We unified the images' name format of the MSCOCO dataset for easier use. You can use
dataset/MSCOCO_rename.py
to rename the images in MSCOCO. (MSCOCO_2014) - Flickr30K. (Flickr30K).
- CC120K. We tested the proposed method on the real-world dataset Conceptual Captions. Since the full dataset is too large, we randomly selected a subset of Conceptual Captions, named CC120K, including 118,851 images for training, 1,000 for validation, and 1,000 for testing. You can download the dataset from here with the code "3ble".

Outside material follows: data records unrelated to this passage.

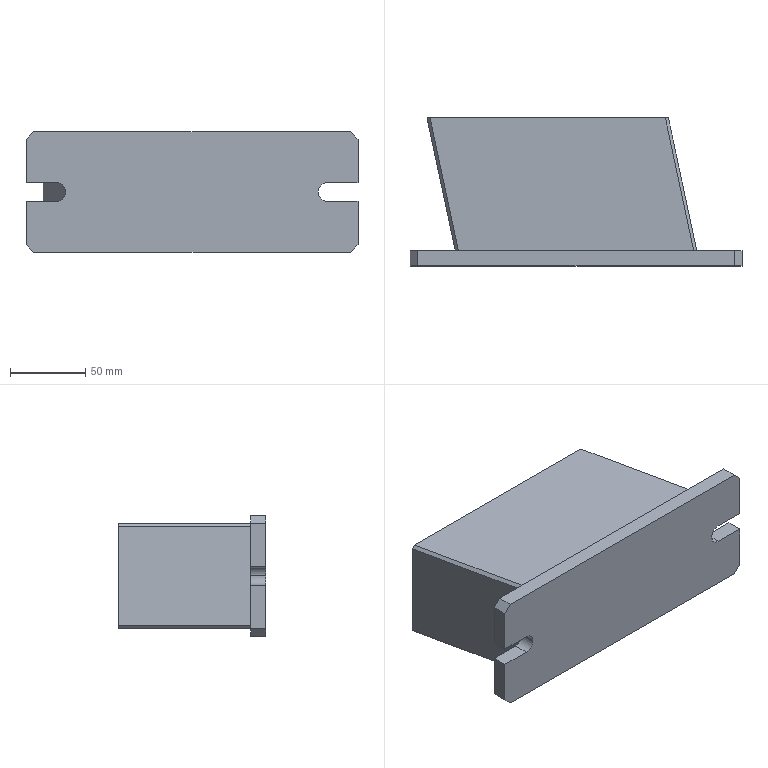Component | SolidWorks | 5160#x98x70StraightVibrator9.26-1 | 1 solid | 28 faces | box 220 x 98 x 80 mm | volume 1154153 mm3 | plane 25 | cylinder 3 | commonest cylinder face diameters 12.5 x3 | material AISI 1045 Steel, Cold Drawn
build123d program:
from build123d import *

# Parameters (mm, degrees)
BOSS_EXTRUDE1_DEPTH = 70
SKETCH2_W           = 220
SKETCH2_H           = 80
BOSS_EXTRUDE2_DEPTH = 10
CHAMFER1_SIZE       = 2
CUT_EXTRUDE1_DEPTH  = 207.666
CHAMFER2_SIZE       = 5


with BuildPart() as part:
    # Sketch1 → Boss-Extrude1 (new body)
    with BuildSketch(Plane.XY):
        Polygon((0, 0), (160, 0), (141.295, -88), (-18.705, -88), align=None)
    extrude(amount=BOSS_EXTRUDE1_DEPTH)

    # Sketch2 → Boss-Extrude2 (add)
    with BuildSketch(Plane.XZ.offset(88)):
        with Locations((61.295, 35)):
            Rectangle(SKETCH2_W, SKETCH2_H)
    extrude(amount=BOSS_EXTRUDE2_DEPTH)

    # Chamfer1
    chamfer1_edges = [part.edges().sort_by_distance(p)[0] for p in [
        (150.648, -44, 70),
        (-9.352, -44, 70),
        (150.648, -44, 0),
        (-9.352, -44, 0),
    ]]
    chamfer(chamfer1_edges, length=CHAMFER1_SIZE)

    # Sketch3 → Cut-Extrude1 (cut, through all)
    with BuildSketch(Plane(origin=(0, -88, 0), x_dir=(1, 0, 0), z_dir=(0, 1, 0))):
        with BuildLine():
            Line((-28.705, -41.25), (-48.705, -41.25))
            Line((-48.705, -41.25), (-48.705, -35))
            Line((-48.705, -35), (-48.705, -28.75))
            Line((-48.705, -28.75), (-28.705, -28.75))
            ThreePointArc((-28.705, -28.75), (-22.455, -35), (-28.705, -41.25))
        make_face()
        with BuildLine():
            Line((171.295, -28.75), (171.295, -35))
            Line((171.295, -35), (171.295, -41.25))
            Line((171.295, -41.25), (151.295, -41.25))
            ThreePointArc((151.295, -41.25), (145.045, -35), (151.295, -28.75))
            Line((151.295, -28.75), (171.295, -28.75))
        make_face()
    extrude(amount=-CUT_EXTRUDE1_DEPTH, mode=Mode.SUBTRACT)

    # Chamfer2
    chamfer2_edges = [part.edges().sort_by_distance(p)[0] for p in [
        (-48.705, -93, 75),
        (-48.705, -93, -5),
        (171.295, -93, -5),
        (171.295, -93, 75),
    ]]
    chamfer(chamfer2_edges, length=CHAMFER2_SIZE)


solid = part.part

# Placed as in the assembly
solid = solid.moved(Location((265, -185, 50.25), (-180, 0, 180)))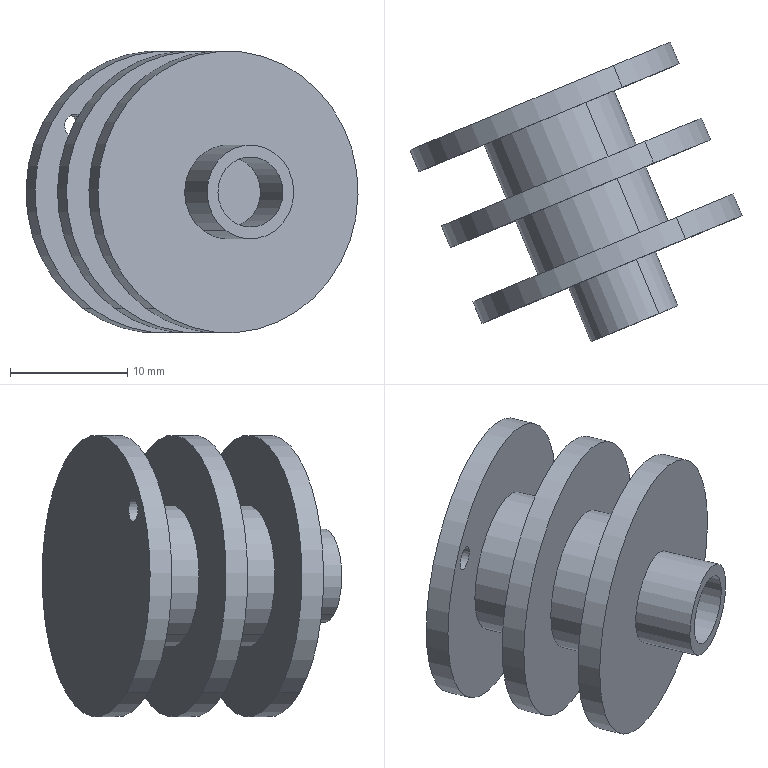Component | SolidWorks | Sensor-1 | 1 solid | 24 faces | box 28.3 x 25.53 x 24 mm | volume 3949 mm3 | cylinder 16 | plane 8 | commonest cylinder face diameters 24 x6 12 x4 2 x2 6 x2 8 x2
build123d program:
from build123d import *

# Parameters (mm, degrees)
SKETCH1_R           = 4
SKETCH1_R_2         = 3
BOSS_EXTRUDE1_DEPTH = 5
SKETCH2_R           = 12
BOSS_EXTRUDE2_DEPTH = 2
SKETCH3_R           = 6
BOSS_EXTRUDE3_DEPTH = 5
SKETCH4_R           = 12
BOSS_EXTRUDE4_DEPTH = 2
SKETCH5_R           = 6
BOSS_EXTRUDE5_DEPTH = 5
SKETCH6_R           = 12
BOSS_EXTRUDE6_DEPTH = 2
SKETCH7_R           = 1
CUT_EXTRUDE1_DEPTH  = 2


with BuildPart() as part:
    # Sketch1 → Boss-Extrude1 (new body)
    with BuildSketch(Plane.XY):
        Circle(SKETCH1_R)
        Circle(SKETCH1_R_2, mode=Mode.SUBTRACT)
    extrude(amount=BOSS_EXTRUDE1_DEPTH)

    # Sketch2 → Boss-Extrude2 (add)
    with BuildSketch(Plane.XY.offset(5)):
        Circle(SKETCH2_R)
    extrude(amount=BOSS_EXTRUDE2_DEPTH)

    # Sketch3 → Boss-Extrude3 (add)
    with BuildSketch(Plane.XY.offset(7)):
        Circle(SKETCH3_R)
    extrude(amount=BOSS_EXTRUDE3_DEPTH)

    # Sketch4 → Boss-Extrude4 (add)
    with BuildSketch(Plane.XY.offset(12)):
        Circle(SKETCH4_R)
    extrude(amount=BOSS_EXTRUDE4_DEPTH)

    # Sketch5 → Boss-Extrude5 (add)
    with BuildSketch(Plane.XY.offset(14)):
        Circle(SKETCH5_R)
    extrude(amount=BOSS_EXTRUDE5_DEPTH)

    # Sketch6 → Boss-Extrude6 (add)
    with BuildSketch(Plane.XY.offset(19)):
        Circle(SKETCH6_R)
    extrude(amount=BOSS_EXTRUDE6_DEPTH)

    # Sketch7 → Cut-Extrude1 (cut)
    with BuildSketch(Plane.XY.offset(21)):
        with Locations((0, 10)):
            Circle(SKETCH7_R)
    extrude(amount=-CUT_EXTRUDE1_DEPTH, mode=Mode.SUBTRACT)


solid = part.part

# Placed as in the assembly
solid = solid.moved(Location((25.514, 19.993, 407.896), (-90, -22.523, 124.32)))
STEP:
#1=COLOUR_RGB('',0.7922,0.8196,0.9333);
#2=FILL_AREA_STYLE_COLOUR('',#1);
#3=FILL_AREA_STYLE('',(#2));
#4=SURFACE_STYLE_FILL_AREA(#3);
#5=SURFACE_SIDE_STYLE('',(#4));
#6=SURFACE_STYLE_USAGE(.BOTH.,#5);
#7=PRESENTATION_STYLE_ASSIGNMENT((#6));
#8=CARTESIAN_POINT('',(0.4381,1.362,16.313));
#9=VERTEX_POINT('',#8);
#10=CARTESIAN_POINT('',(0.3971,1.345,16.248));
#11=VERTEX_POINT('',#10);
#12=CARTESIAN_POINT('',(0.4176,1.354,16.281));
#13=DIRECTION('',(-0.383,0.9237,-0.));
#14=DIRECTION('',(-0.5208,-0.216,-0.8259));
#15=AXIS2_PLACEMENT_3D('',#12,#13,#14);
#16=CIRCLE('',#15,0.03937);
#17=EDGE_CURVE('',#9,#11,#16,.T.);
#18=ORIENTED_EDGE('',*,*,#17,.F.);
#19=CARTESIAN_POINT('',(0.4079,1.435,16.313));
#20=VERTEX_POINT('',#19);
#21=CARTESIAN_POINT('',(0.4381,1.362,16.313));
#22=DIRECTION('',(-0.383,0.9237,-0.));
#23=VECTOR('',#22,39.37);
#24=LINE('',#21,#23);
#25=EDGE_CURVE('',#9,#20,#24,.T.);
#26=ORIENTED_EDGE('',*,*,#25,.T.);
#27=CARTESIAN_POINT('',(0.3669,1.418,16.248));
#28=VERTEX_POINT('',#27);
#29=CARTESIAN_POINT('',(0.3874,1.426,16.281));
#30=DIRECTION('',(-0.383,0.9237,-0.));
#31=DIRECTION('',(-0.5208,-0.216,-0.8259));
#32=AXIS2_PLACEMENT_3D('',#29,#30,#31);
#33=CIRCLE('',#32,0.03937);
#34=EDGE_CURVE('',#20,#28,#33,.T.);
#35=ORIENTED_EDGE('',*,*,#34,.T.);
#36=CARTESIAN_POINT('',(0.3971,1.345,16.248));
#37=DIRECTION('',(-0.383,0.9237,-0.));
#38=VECTOR('',#37,39.37);
#39=LINE('',#36,#38);
#40=EDGE_CURVE('',#11,#28,#39,.T.);
#41=ORIENTED_EDGE('',*,*,#40,.F.);
#42=EDGE_LOOP('',(#18,#26,#35,#41));
#43=FACE_OUTER_BOUND('',#42,.T.);
#44=CARTESIAN_POINT('',(0.4176,1.354,16.281));
#45=DIRECTION('',(-0.383,0.9237,-0.));
#46=DIRECTION('',(-0.5208,-0.216,-0.8259));
#47=AXIS2_PLACEMENT_3D('',#44,#45,#46);
#48=CYLINDRICAL_SURFACE('',#47,0.03937);
#49=ADVANCED_FACE('',(#43),#48,.F.);
#50=CARTESIAN_POINT('',(0.4417,1.449,15.669));
#51=VERTEX_POINT('',#50);
#52=CARTESIAN_POINT('',(0.9338,1.653,16.449));
#53=VERTEX_POINT('',#52);
#54=CARTESIAN_POINT('',(0.6878,1.551,16.059));
#55=DIRECTION('',(-0.383,0.9237,-0.));
#56=DIRECTION('',(-0.5208,-0.216,-0.8259));
#57=AXIS2_PLACEMENT_3D('',#54,#55,#56);
#58=CIRCLE('',#57,0.4724);
#59=EDGE_CURVE('',#51,#53,#58,.T.);
#60=ORIENTED_EDGE('',*,*,#59,.F.);
#61=CARTESIAN_POINT('',(0.4719,1.376,15.669));
#62=VERTEX_POINT('',#61);
#63=CARTESIAN_POINT('',(0.4417,1.449,15.669));
#64=DIRECTION('',(0.383,-0.9237,0.));
#65=VECTOR('',#64,39.37);
#66=LINE('',#63,#65);
#67=EDGE_CURVE('',#51,#62,#66,.T.);
#68=ORIENTED_EDGE('',*,*,#67,.T.);
#69=CARTESIAN_POINT('',(0.964,1.58,16.449));
#70=VERTEX_POINT('',#69);
#71=CARTESIAN_POINT('',(0.7179,1.478,16.059));
#72=DIRECTION('',(-0.383,0.9237,-0.));
#73=DIRECTION('',(-0.5208,-0.216,-0.8259));
#74=AXIS2_PLACEMENT_3D('',#71,#72,#73);
#75=CIRCLE('',#74,0.4724);
#76=EDGE_CURVE('',#62,#70,#75,.T.);
#77=ORIENTED_EDGE('',*,*,#76,.T.);
#78=CARTESIAN_POINT('',(0.9338,1.653,16.449));
#79=DIRECTION('',(0.383,-0.9237,0.));
#80=VECTOR('',#79,39.37);
#81=LINE('',#78,#80);
#82=EDGE_CURVE('',#53,#70,#81,.T.);
#83=ORIENTED_EDGE('',*,*,#82,.F.);
#84=EDGE_LOOP('',(#60,#68,#77,#83));
#85=FACE_OUTER_BOUND('',#84,.T.);
#86=CARTESIAN_POINT('',(0.6878,1.551,16.059));
#87=DIRECTION('',(0.383,-0.9237,0.));
#88=DIRECTION('',(0.5208,0.216,0.8259));
#89=AXIS2_PLACEMENT_3D('',#86,#87,#88);
#90=CYLINDRICAL_SURFACE('',#89,0.4724);
#91=ADVANCED_FACE('',(#85),#90,.T.);
#92=CARTESIAN_POINT('',(0.5949,1.427,15.864));
#93=VERTEX_POINT('',#92);
#94=CARTESIAN_POINT('',(0.841,1.529,16.254));
#95=VERTEX_POINT('',#94);
#96=CARTESIAN_POINT('',(0.7179,1.478,16.059));
#97=DIRECTION('',(-0.383,0.9237,-0.));
#98=DIRECTION('',(-0.5208,-0.216,-0.8259));
#99=AXIS2_PLACEMENT_3D('',#96,#97,#98);
#100=CIRCLE('',#99,0.2362);
#101=EDGE_CURVE('',#93,#95,#100,.T.);
#102=ORIENTED_EDGE('',*,*,#101,.F.);
#103=CARTESIAN_POINT('',(0.6703,1.245,15.864));
#104=VERTEX_POINT('',#103);
#105=CARTESIAN_POINT('',(0.5949,1.427,15.864));
#106=DIRECTION('',(0.383,-0.9237,0.));
#107=VECTOR('',#106,39.37);
#108=LINE('',#105,#107);
#109=EDGE_CURVE('',#93,#104,#108,.T.);
#110=ORIENTED_EDGE('',*,*,#109,.T.);
#111=CARTESIAN_POINT('',(0.9164,1.347,16.254));
#112=VERTEX_POINT('',#111);
#113=CARTESIAN_POINT('',(0.7933,1.296,16.059));
#114=DIRECTION('',(-0.383,0.9237,-0.));
#115=DIRECTION('',(-0.5208,-0.216,-0.8259));
#116=AXIS2_PLACEMENT_3D('',#113,#114,#115);
#117=CIRCLE('',#116,0.2362);
#118=EDGE_CURVE('',#104,#112,#117,.T.);
#119=ORIENTED_EDGE('',*,*,#118,.T.);
#120=CARTESIAN_POINT('',(0.841,1.529,16.254));
#121=DIRECTION('',(0.383,-0.9237,0.));
#122=VECTOR('',#121,39.37);
#123=LINE('',#120,#122);
#124=EDGE_CURVE('',#95,#112,#123,.T.);
#125=ORIENTED_EDGE('',*,*,#124,.F.);
#126=EDGE_LOOP('',(#102,#110,#119,#125));
#127=FACE_OUTER_BOUND('',#126,.T.);
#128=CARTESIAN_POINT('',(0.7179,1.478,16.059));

We constructed noise by randomly shuffling some captions of the images.
You can obtain your noisy dataset using construct_noise.py
. And we also integrated this part of the code in data.py
. The noisy dataset will be automatically constructed and saved during training when it doesn't exist.
Since there are around 3%-20% incorrect annotations existing in the real-world dataset Conceptual Captions, we did not create noisy samples manually.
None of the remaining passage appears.